You might get the error: ValueError: invalid literal for long() with base 10: '13,000'. That is you cannot cast a string with "," to an int. To do that we first have to get rid of the comma. 
After facing this problem time and again, I have stopped using astype altogether now and just use apply to change column types.

```df['Price'] = df.apply(lambda x: int(x['Price'].replace(',', '')),axis=1)```

# And lastly there is progress_apply

progress_apply is a single function that comes with tqdm package. 

And this has saved me a lot of time.

Sometimes when you have got a lot of rows in your data, or you end up writing a pretty complex apply function, you will see that apply might take a lot of time.

I have seen apply taking hours when working with Spacy.

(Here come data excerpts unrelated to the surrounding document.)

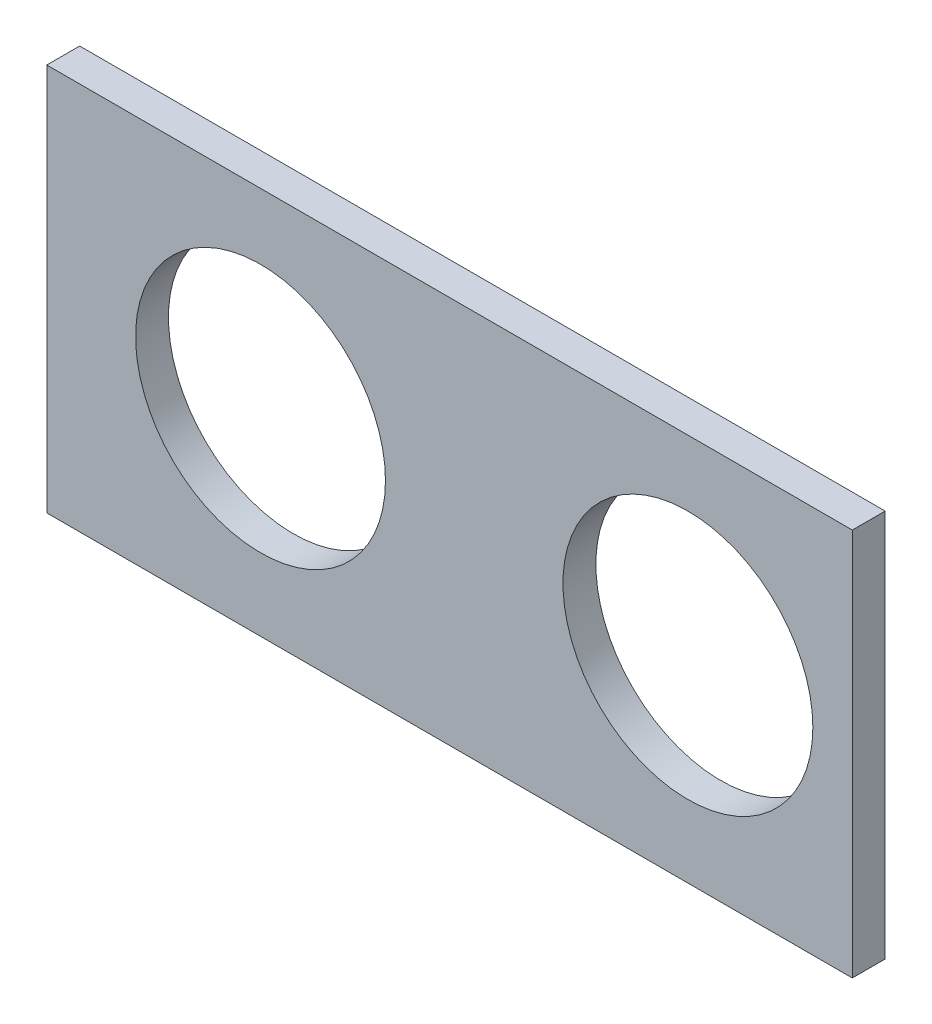
from build123d import *

# Parameters (mm, degrees)
SKETCH1_W           = 245
SKETCH1_H           = 118
SKETCH1_R           = 38
BOSS_EXTRUDE1_DEPTH = 10


with BuildPart() as part:
    # Sketch1 → Boss-Extrude1 (new body)
    with BuildSketch(Plane.XY):
        with Locations((122.5, 59)):
            Rectangle(SKETCH1_W, SKETCH1_H)
        with Locations((195, 60)):
            Circle(SKETCH1_R, mode=Mode.SUBTRACT)
        with Locations((65, 60)):
            Circle(SKETCH1_R, mode=Mode.SUBTRACT)
    extrude(amount=BOSS_EXTRUDE1_DEPTH)


solid = part.part

In such cases, you might like to see the progress bar with apply. 

You can use tqdm for that.

After the initial imports at the top of your notebook, just replace apply with progress_apply and everything remains the same.

In [None]:
from tqdm import tqdm, tqdm_notebook
tqdm_notebook().pandas()

new_imdb['rating_custom'] = imdb.progress_apply(lambda x: custom_rating(x['Genre'],x['Rating']),axis=1)


In [None]:
new_imdb.head()

# Conclusion

apply and lambda functionality lets you take care of a lot of complex things while manipulating data. 

I feel that I don't have to worry about a lot of stuff while using Pandas since I can use apply well. 

In this post, I tried to explain how it works. And there might be other ways to do whatever I have done above. 

But I like to stick with apply/lambda in place of map/applymap because I find it more readable and well suited to my workflow.